Review of the petition of the Chancellor of Justice to declare invalid the Regulations of the Keila rural municipality council regulating the organisation of shooting practice in the Keila rural municipality.

The Constitutional Review Chamber sitting in a panel
presided over by the Chairman of the Chamber Uno Lõhmus
and composed of members of the Chamber,
justices Tõnu Anton, Lea Kalm, Ants Kull and Jüri Põld,
at its open session of 26 January 2000,
with the representative of the Chancellor of Justice Aare Reenumägi, the representative of the Minister of Justice Priit Kama and the representative of Keila rural municipality Riho Ring appearing,
and in the presence of the secretary to the Chamber Piret Lehemets
reviewed petition of the Chancellor of Justice of 6 December 1999.

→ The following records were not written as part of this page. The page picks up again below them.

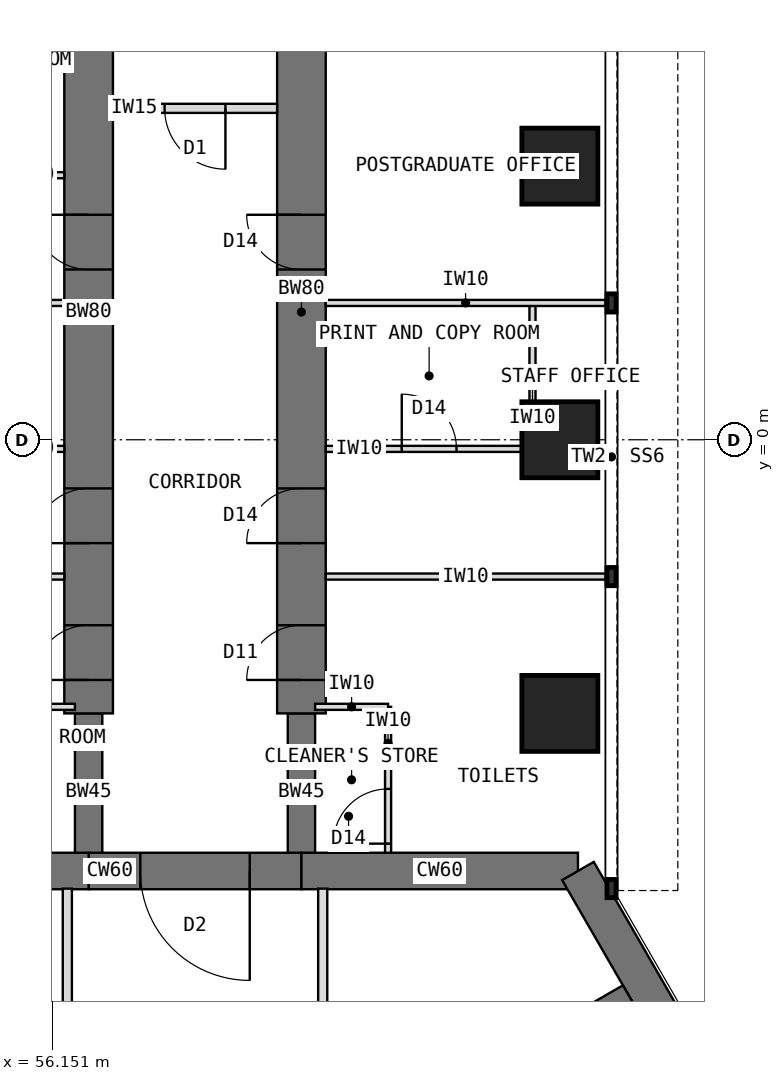
"""IFC4 building model, lengths in metres.
Left out: names, types, materials, properties, quantities, classifications, styles, units other than length and angle.
Written with IfcOpenShell. Run it as: python <this file> out.ifc"""

import sys

from ifc_helpers import new_model, si_unit, direction, frame, frame_2d, origin, origin_2d, place, context, subcontext, project, spatial, rectangle, extrude, element, fill, save


model = new_model("IFC4")
c1 = context("Model", 3, precision=1e-05, world=origin(), true_north=direction((0.0, 1.0)))
c2 = subcontext(c1, "Body", "Model", "MODEL_VIEW")
j1 = project(units=[si_unit("LENGTHUNIT", "METRE"), si_unit("PLANEANGLEUNIT", "RADIAN")], contexts=[c1])
p1 = place(None, origin())
s1 = spatial("IfcSite", under=j1, at=p1, CompositionType="ELEMENT")
p2 = place(p1, origin())
s2 = spatial("IfcBuilding", under=s1, at=p2, CompositionType="ELEMENT")
p3 = place(p2, frame((0.0, 0.0, 157.5)))
s3 = spatial("IfcBuildingStorey", under=s2, at=p3, CompositionType="ELEMENT", Elevation=157.5)
p4 = place(p3, frame((64.798, -7.092, 0.0), z_axis=(0.0, 0.0, 1.0), x_axis=(-1.0, 0.0, 0.0)))
e1 = element("IfcWall", 1, at=p4, inside=s3, PredefinedType="SHEAR", context=c2, shape_type="SweptSolid", body=[
    extrude(rectangle(XDim=4.548, YDim=0.6, at=frame_2d((2.274, 0.0))), origin(), (0.0, 0.0, 1.0), 4.0),
])
p5 = place(p3, frame((60.25, -7.092, 0.0), z_axis=(0.0, 0.0, 1.0), x_axis=(-1.0, 0.0, 0.0)))
e2 = element("IfcWall", 2, at=p5, inside=s3, PredefinedType="SHEAR", context=c2, shape_type="SweptSolid", body=[
    extrude(rectangle(XDim=3.5, YDim=0.6, at=frame_2d((1.75, 0.0))), origin(), (0.0, 0.0, 1.0), 4.0),
])
p6 = place(p5, frame((0.85, 0.0, 0.0)))
e3 = element("IfcOpeningElement", 3, at=p6, cuts=e2, PredefinedType="OPENING", context=c2, shape_type="SweptSolid", body=[
    extrude(rectangle(XDim=1.8, YDim=2.1, at=frame_2d((0.9, 1.05))), frame((0.0, 0.31, 0.0), z_axis=(0.0, -1.0, 0.0), x_axis=(1.0, 0.0, 0.0)), (0.0, 0.0, 1.0), 0.62),
])
p7 = place(p3, frame((56.75, -7.092, 0.0), z_axis=(0.0, 0.0, 1.0), x_axis=(-1.0, 0.0, 0.0)))
e4 = element("IfcWall", 4, at=p7, inside=s3, PredefinedType="SHEAR", context=c2, shape_type="SweptSolid", body=[
    extrude(rectangle(XDim=4.548, YDim=0.6, at=frame_2d((2.274, 0.0))), origin(), (0.0, 0.0, 1.0), 4.0),
])
p8 = place(p3, frame((71.096, -18.0, 0.0), z_axis=(0.0, 0.0, 1.0), x_axis=(-0.500005998175, 0.866021940709, 0.0)))
e5 = element("IfcWall", 5, at=p8, inside=s3, PredefinedType="SHEAR", context=c2, shape_type="SweptSolid", body=[
    extrude(rectangle(XDim=12.596, YDim=0.6, at=frame_2d((6.298, 0.0))), origin(), (0.0, 0.0, 1.0), 4.0),
])
p9 = place(p3, frame((56.75, -7.092, 0.0), z_axis=(0.0, 0.0, 1.0), x_axis=(0.0, 1.0, 0.0)))
e6 = element("IfcWall", 6, at=p9, inside=s3, PredefinedType="SHEAR", context=c2, shape_type="SweptSolid", body=[
    extrude(rectangle(XDim=2.592, YDim=0.45, at=frame_2d((1.296, 0.0))), origin(), (0.0, 0.0, 1.0), 4.0),
])
p10 = place(p3, frame((56.75, -4.5, 0.0), z_axis=(0.0, 0.0, 1.0), x_axis=(0.0, 1.0, 0.0)))
e7 = element("IfcWall", 7, at=p10, inside=s3, PredefinedType="SHEAR", context=c2, shape_type="SweptSolid", body=[
    extrude(rectangle(XDim=13.2, YDim=0.8, at=frame_2d((6.6, 0.0))), origin(), (0.0, 0.0, 1.0), 4.0),
])
p11 = place(p10, frame((0.55, 0.0, 0.0)))
e8 = element("IfcOpeningElement", 8, at=p11, cuts=e7, PredefinedType="OPENING", context=c2, shape_type="SweptSolid", body=[
    extrude(rectangle(XDim=0.9, YDim=2.1, at=frame_2d((0.45, 1.05))), frame((0.0, 0.41, 0.0), z_axis=(0.0, -1.0, 0.0), x_axis=(1.0, 0.0, 0.0)), (0.0, 0.0, 1.0), 0.82),
])
p12 = place(p10, frame((2.8, 0.0, 0.0)))
e9 = element("IfcOpeningElement", 9, at=p12, cuts=e7, PredefinedType="OPENING", context=c2, shape_type="SweptSolid", body=[
    extrude(rectangle(XDim=0.9, YDim=2.1, at=frame_2d((0.45, 1.05))), frame((0.0, 0.41, 0.0), z_axis=(0.0, -1.0, 0.0), x_axis=(1.0, 0.0, 0.0)), (0.0, 0.0, 1.0), 0.82),
])
p13 = place(p10, frame((7.3, 0.0, 0.0)))
e10 = element("IfcOpeningElement", 10, at=p13, cuts=e7, PredefinedType="OPENING", context=c2, shape_type="SweptSolid", body=[
    extrude(rectangle(XDim=0.9, YDim=2.1, at=frame_2d((0.45, 1.05))), frame((0.0, 0.41, 0.0), z_axis=(0.0, -1.0, 0.0), x_axis=(1.0, 0.0, 0.0)), (0.0, 0.0, 1.0), 0.82),
])
p14 = place(p3, frame((60.25, -7.092, 0.0), z_axis=(0.0, 0.0, 1.0), x_axis=(0.0, 1.0, 0.0)))
e11 = element("IfcWall", 11, at=p14, inside=s3, PredefinedType="SHEAR", context=c2, shape_type="SweptSolid", body=[
    extrude(rectangle(XDim=2.592, YDim=0.45, at=frame_2d((1.296, 0.0))), origin(), (0.0, 0.0, 1.0), 4.0),
])
p15 = place(p3, frame((60.25, -4.5, 0.0), z_axis=(0.0, 0.0, 1.0), x_axis=(0.0, 1.0, 0.0)))
e12 = element("IfcWall", 12, at=p15, inside=s3, PredefinedType="SHEAR", context=c2, shape_type="SweptSolid", body=[
    extrude(rectangle(XDim=13.2, YDim=0.8, at=frame_2d((6.6, 0.0))), origin(), (0.0, 0.0, 1.0), 4.0),
])
p16 = place(p15, frame((0.55, 0.0, 0.0)))
e13 = element("IfcOpeningElement", 13, at=p16, cuts=e12, PredefinedType="OPENING", context=c2, shape_type="SweptSolid", body=[
    extrude(rectangle(XDim=0.9, YDim=2.1, at=frame_2d((0.45, 1.05))), frame((0.0, 0.41, 0.0), z_axis=(0.0, -1.0, 0.0), x_axis=(1.0, 0.0, 0.0)), (0.0, 0.0, 1.0), 0.82),
])
p17 = place(p15, frame((2.8, 0.0, 0.0)))
e14 = element("IfcOpeningElement", 14, at=p17, cuts=e12, PredefinedType="OPENING", context=c2, shape_type="SweptSolid", body=[
    extrude(rectangle(XDim=0.9, YDim=2.1, at=frame_2d((0.45, 1.05))), frame((0.0, 0.41, 0.0), z_axis=(0.0, -1.0, 0.0), x_axis=(1.0, 0.0, 0.0)), (0.0, 0.0, 1.0), 0.82),
])
p18 = place(p15, frame((7.3, 0.0, 0.0)))
e15 = element("IfcOpeningElement", 15, at=p18, cuts=e12, PredefinedType="OPENING", context=c2, shape_type="SweptSolid", body=[
    extrude(rectangle(XDim=0.9, YDim=2.1, at=frame_2d((0.45, 1.05))), frame((0.0, 0.41, 0.0), z_axis=(0.0, -1.0, 0.0), x_axis=(1.0, 0.0, 0.0)), (0.0, 0.0, 1.0), 0.82),
])
for number, where, z_axis, x_axis in (
    (16, (64.5, -4.5, 0.0), (0.0, 0.0, 1.0), (1.0, 0.0, 0.0)),
    (17, (64.5, 0.0, 0.0), (0.0, 0.0, 1.0), (1.0, 0.0, 0.0)),
    (18, (64.5, 4.5, 0.0), (0.0, 0.0, 1.0), (1.0, 0.0, 0.0)),
):
    element("IfcColumn", number, at=place(p3, frame(where, z_axis=z_axis, x_axis=x_axis)), inside=s3, PredefinedType="COLUMN", context=c2, shape_type="SweptSolid", body=[
        extrude(rectangle(XDim=1.25, YDim=1.25, at=origin_2d()), origin(), (0.0, 0.0, 1.0), 4.0),
    ])
for number, where, z_axis, x_axis in (
    (19, (56.48, -12.099, 0.0), (0.0, 0.0, 1.0), (-0.866, 0.5, 0.0)),
    (20, (60.52, -12.099, 0.0), (0.0, 0.0, 1.0), (0.866, 0.5, 0.0)),
):
    element("IfcWall", number, at=place(p3, frame(where, z_axis=z_axis, x_axis=x_axis)), inside=s3, PredefinedType="SHEAR", context=c2, shape_type="SweptSolid", body=[
        extrude(rectangle(XDim=5.908, YDim=0.4, at=frame_2d((2.954, 0.0))), origin(), (0.0, 0.0, 1.0), 4.0),
    ])
for number, where, z_axis, x_axis in (
    (21, (56.35, -2.25, 0.0), (0.0, 0.0, 1.0), (-1.0, 0.0, 0.0)),
    (22, (56.35, 2.25, 0.0), (0.0, 0.0, 1.0), (-1.0, 0.0, 0.0)),
):
    element("IfcWall", number, at=place(p3, frame(where, z_axis=z_axis, x_axis=x_axis)), inside=s3, PredefinedType="PARTITIONING", context=c2, shape_type="SweptSolid", body=[
        extrude(rectangle(XDim=4.6, YDim=0.1, at=frame_2d((2.3, 0.0))), origin(), (0.0, 0.0, 1.0), 3.8),
    ])
p19 = place(p3, frame((56.35, -0.15, 0.0), z_axis=(0.0, 0.0, 1.0), x_axis=(-1.0, 0.0, 0.0)))
e23 = element("IfcWall", 23, at=p19, inside=s3, PredefinedType="PARTITIONING", context=c2, shape_type="SweptSolid", body=[
    extrude(rectangle(XDim=3.4, YDim=0.1, at=frame_2d((1.7, 0.0))), origin(), (0.0, 0.0, 1.0), 3.8),
])
p20 = place(p19, frame((1.25, 0.0, 0.0)))
e24 = element("IfcOpeningElement", 24, at=p20, cuts=e23, PredefinedType="OPENING", context=c2, shape_type="SweptSolid", body=[
    extrude(rectangle(XDim=0.9, YDim=2.1, at=frame_2d((0.45, 1.05))), frame((0.0, 0.06, 0.0), z_axis=(0.0, -1.0, 0.0), x_axis=(1.0, 0.0, 0.0)), (0.0, 0.0, 1.0), 0.12),
])
p21 = place(p3, frame((56.35, 4.35, 0.0), z_axis=(0.0, 0.0, 1.0), x_axis=(-1.0, 0.0, 0.0)))
e25 = element("IfcWall", 25, at=p21, inside=s3, PredefinedType="PARTITIONING", context=c2, shape_type="SweptSolid", body=[
    extrude(rectangle(XDim=3.4, YDim=0.1, at=frame_2d((1.7, 0.0))), origin(), (0.0, 0.0, 1.0), 3.8),
])
p22 = place(p21, frame((1.25, 0.0, 0.0)))
e26 = element("IfcOpeningElement", 26, at=p22, cuts=e25, PredefinedType="OPENING", context=c2, shape_type="SweptSolid", body=[
    extrude(rectangle(XDim=0.9, YDim=2.1, at=frame_2d((0.45, 1.05))), frame((0.0, 0.06, 0.0), z_axis=(0.0, -1.0, 0.0), x_axis=(1.0, 0.0, 0.0)), (0.0, 0.0, 1.0), 0.12),
])
p23 = place(p3, frame((56.525, -4.392, 0.0), z_axis=(0.0, 0.0, 1.0), x_axis=(-1.0, 0.0, 0.0)))
e27 = element("IfcWall", 27, at=p23, inside=s3, PredefinedType="PARTITIONING", context=c2, shape_type="SweptSolid", body=[
    extrude(rectangle(XDim=3.2, YDim=0.1, at=frame_2d((1.6, 0.0))), origin(), (0.0, 0.0, 1.0), 3.8),
])
for number, where, z_axis, x_axis in (
    (28, (60.65, -2.25, 0.0), (0.0, 0.0, 1.0), (1.0, 0.0, 0.0)),
    (29, (60.65, 2.25, 0.0), (0.0, 0.0, 1.0), (1.0, 0.0, 0.0)),
):
    element("IfcWall", number, at=place(p3, frame(where, z_axis=z_axis, x_axis=x_axis)), inside=s3, PredefinedType="PARTITIONING", context=c2, shape_type="SweptSolid", body=[
        extrude(rectangle(XDim=4.6, YDim=0.1, at=frame_2d((2.3, 0.0))), origin(), (0.0, 0.0, 1.0), 3.8),
    ])
p24 = place(p3, frame((64.05, -0.15, 0.0), z_axis=(0.0, 0.0, 1.0), x_axis=(0.0, 1.0, 0.0)))
e30 = element("IfcWall", 30, at=p24, inside=s3, PredefinedType="PARTITIONING", context=c2, shape_type="SweptSolid", body=[
    extrude(rectangle(XDim=2.4, YDim=0.1, at=frame_2d((1.2, 0.0))), origin(), (0.0, 0.0, 1.0), 3.8),
])
p25 = place(p3, frame((60.65, -0.15, 0.0), z_axis=(0.0, 0.0, 1.0), x_axis=(1.0, 0.0, 0.0)))
e31 = element("IfcWall", 31, at=p25, inside=s3, PredefinedType="PARTITIONING", context=c2, shape_type="SweptSolid", body=[
    extrude(rectangle(XDim=3.4, YDim=0.1, at=frame_2d((1.7, 0.0))), origin(), (0.0, 0.0, 1.0), 3.8),
])
p26 = place(p25, frame((1.25, 0.0, 0.0)))
e32 = element("IfcOpeningElement", 32, at=p26, cuts=e31, PredefinedType="OPENING", context=c2, shape_type="SweptSolid", body=[
    extrude(rectangle(XDim=0.9, YDim=2.1, at=frame_2d((0.45, 1.05))), frame((0.0, 0.06, 0.0), z_axis=(0.0, -1.0, 0.0), x_axis=(1.0, 0.0, 0.0)), (0.0, 0.0, 1.0), 0.12),
])
p27 = place(p3, frame((61.675, -6.792, 0.0), z_axis=(0.0, 0.0, 1.0), x_axis=(0.0, 1.0, 0.0)))
e33 = element("IfcWall", 33, at=p27, inside=s3, PredefinedType="PARTITIONING", context=c2, shape_type="SweptSolid", body=[
    extrude(rectangle(XDim=2.4, YDim=0.1, at=frame_2d((1.2, 0.0))), origin(), (0.0, 0.0, 1.0), 3.8),
])
p28 = place(p27, frame((0.15, 0.0, 0.0)))
e34 = element("IfcOpeningElement", 34, at=p28, cuts=e33, PredefinedType="OPENING", context=c2, shape_type="SweptSolid", body=[
    extrude(rectangle(XDim=0.9, YDim=2.1, at=frame_2d((0.45, 1.05))), frame((0.0, 0.06, 0.0), z_axis=(0.0, -1.0, 0.0), x_axis=(1.0, 0.0, 0.0)), (0.0, 0.0, 1.0), 0.12),
])
p29 = place(p3, frame((60.475, -4.392, 0.0), z_axis=(0.0, 0.0, 1.0), x_axis=(1.0, 0.0, 0.0)))
e35 = element("IfcWall", 35, at=p29, inside=s3, PredefinedType="PARTITIONING", context=c2, shape_type="SweptSolid", body=[
    extrude(rectangle(XDim=1.2, YDim=0.1, at=frame_2d((0.6, 0.0))), origin(), (0.0, 0.0, 1.0), 3.8),
])
p30 = place(p3, frame((56.4, -11.857, 0.0), z_axis=(0.0, 0.0, 1.0), x_axis=(0.0, 1.0, 0.0)))
e36 = element("IfcWall", 36, at=p30, inside=s3, PredefinedType="PARTITIONING", context=c2, shape_type="SweptSolid", body=[
    extrude(rectangle(XDim=4.476, YDim=0.15, at=frame_2d((2.238, 0.0))), origin(), (0.0, 0.0, 1.0), 3.8),
])
p31 = place(p30, frame((0.843, 0.0, 0.0)))
e37 = element("IfcOpeningElement", 37, at=p31, cuts=e36, PredefinedType="OPENING", context=c2, shape_type="SweptSolid", body=[
    extrude(rectangle(XDim=1.0, YDim=2.1, at=frame_2d((0.5, 1.05))), frame((0.0, 0.085, 0.0), z_axis=(0.0, -1.0, 0.0), x_axis=(1.0, 0.0, 0.0)), (0.0, 0.0, 1.0), 0.17),
])
p32 = place(p3, frame((60.6, -7.382, 0.0), z_axis=(0.0, 0.0, 1.0), x_axis=(0.0, -1.0, 0.0)))
e38 = element("IfcWall", 38, at=p32, inside=s3, PredefinedType="PARTITIONING", context=c2, shape_type="SweptSolid", body=[
    extrude(rectangle(XDim=4.476, YDim=0.15, at=frame_2d((2.238, 0.0))), origin(), (0.0, 0.0, 1.0), 3.8),
])
p33 = place(p32, frame((2.633, 0.0, 0.0)))
e39 = element("IfcOpeningElement", 39, at=p33, cuts=e38, PredefinedType="OPENING", context=c2, shape_type="SweptSolid", body=[
    extrude(rectangle(XDim=1.0, YDim=2.1, at=frame_2d((0.5, 1.05))), frame((0.0, 0.085, 0.0), z_axis=(0.0, -1.0, 0.0), x_axis=(1.0, 0.0, 0.0)), (0.0, 0.0, 1.0), 0.17),
])
p34 = place(p3, frame((59.85, 5.45, 0.0), z_axis=(0.0, 0.0, 1.0), x_axis=(-1.0, 0.0, 0.0)))
e40 = element("IfcWall", 40, at=p34, inside=s3, PredefinedType="PARTITIONING", context=c2, shape_type="SweptSolid", body=[
    extrude(rectangle(XDim=2.7, YDim=0.15, at=frame_2d((1.35, 0.0))), origin(), (0.0, 0.0, 1.0), 3.8),
])
p35 = place(p34, frame((0.85, 0.0, 0.0)))
e41 = element("IfcOpeningElement", 41, at=p35, cuts=e40, PredefinedType="OPENING", context=c2, shape_type="SweptSolid", body=[
    extrude(rectangle(XDim=1.0, YDim=2.1, at=frame_2d((0.5, 1.05))), frame((0.0, 0.085, 0.0), z_axis=(0.0, -1.0, 0.0), x_axis=(1.0, 0.0, 0.0)), (0.0, 0.0, 1.0), 0.17),
])
p36 = place(p6, origin())
e42 = element("IfcDoor", 42, at=p36, inside=s3, OperationType="DOUBLE_DOOR_DOUBLE_SWING", PredefinedType="DOOR", context=c2, shape_type="SweptSolid", body=[
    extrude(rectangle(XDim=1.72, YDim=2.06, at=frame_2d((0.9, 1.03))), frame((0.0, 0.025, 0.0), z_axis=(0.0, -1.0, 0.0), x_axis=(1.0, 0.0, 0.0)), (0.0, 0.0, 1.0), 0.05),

I. FACTS AND COURSE OF PROCEEDINGS

1. On 28 October 1998 the Keila rural municipality council issued regulation no. 36 “Approval of the procedure for organising shooting practice in the administrative territory of Keila rural municipality” (RTL 1998, 327/328, 1340). This Regulation approved the “Procedure for organising shooting practice in the administrative territory of Keila rural municipality” (hereinafter “the Procedure”). The Procedure regulated organisation of any shooting practice in the administrative territory of the Keila rural municipality by anyone.

2. The Chancellor of Justice was of the opinion that by this Regulation the Keila rural municipality council has regulated national issues. Pursuant to § 6(3)2) of the Local Government Organisation Act (hereinafter “the LGOA”) the regulation of these issues is not within the competence of a local government. On 24 April 1999 the Chancellor of Justice made a proposal to the Keila rural municipality council to bring this Regulation into conformity with the Constitution and laws.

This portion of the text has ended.